Doenças auto-imunes:
- Dermatite atópica, possivelmente associada ao colagénio tipo III;
- Artrite reumatoide, com alterações predominantes no colagénio tipo II;
- Lúpus, sem um subtipo específico associado.
No caso do Renato Sanches, a idade jovem, combinada com lesões musculares frequentes e recorrentes, poderá levantar a suspeita de uma condição genética, mas temos poucos dados para uma convicção diagnóstica, podendo ser outra causa, obviamente.
Contudo, o diagnóstico precoce nestas situações é essencial para prevenir agravamento clínico, orientar o tratamento e, no caso de atletas, adaptar o treino e a reabilitação de forma individualizada.
NC: Que tratamentos existem disponíveis para as doenças do colagénio?

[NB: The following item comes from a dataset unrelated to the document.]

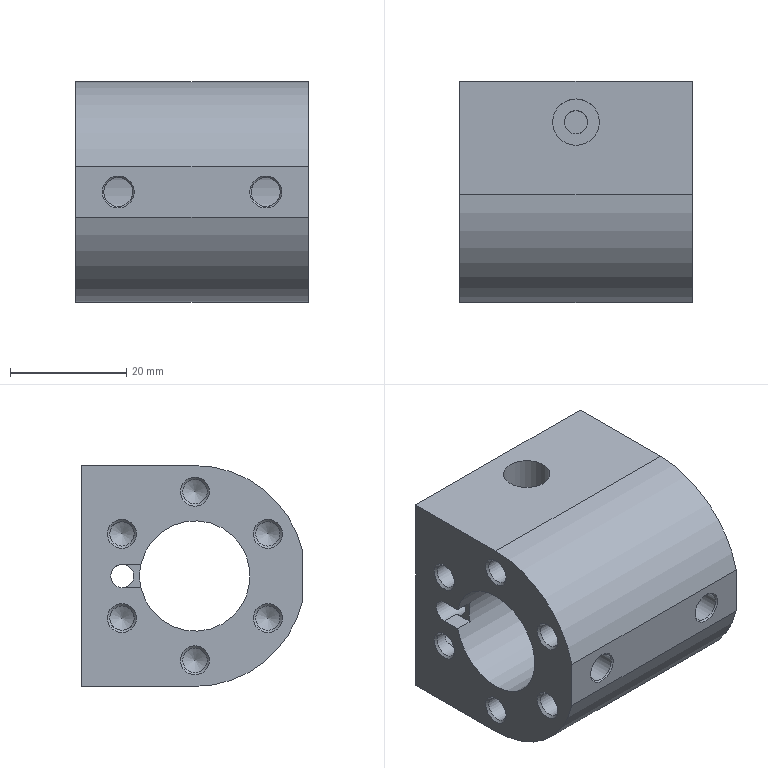Component | NX | PISTON_CYLINDER | 1 solid | 103 faces | volume 36020 mm3 | cone 42 | cylinder 38 | plane 23 | commonest cylinder face diameters 4.2 x12 3.3 x8 4 x6 5 x4 2.5 x4 38 x2 19 x1 8 x1

PB - Infelizmente, muitas destas doenças não têm cura definitiva, por serem genéticas ou degenerativas. No entanto, existe uma abordagem terapêutica eficaz centrada em reduzir os sintomas, prevenir lesões e melhorar a qualidade de vida. As estratégias incluem: fisioterapia e exercício físico adaptado, para reforço muscular e estabilidade articular; nutrição adequada, com foco em nutrientes que ajudam na síntese de colagénio (como vitamina C, zinco, cobre e aminoácidos como a glicina e a prolina); suplementação com colagénio hidrolisado, que pode ser benéfica em alguns casos, sobretudo como suporte à regeneração dos tecidos; medicamentos específicos, conforme os sintomas, como analgésicos, anti-inflamatórios ou, em situações mais graves, terapêuticas biológicas. O acompanhamento deve ser sempre multidisciplinar e individualizado, e a prevenção de lesões é um dos principais objetivos.
Muito obrigado, Dr. Pedro Barreira, por mais esta partilha tão clara e relevante.
O caso de Renato Sanches traz luz para uma realidade que pode afetar outras pessoas, inclusivé fora do desporto de alta competição, e lembra-nos da importância de cuidarmos do nosso corpo “de dentro para fora”.
E as melhoras para o nosso querido jogador Renato Sanches!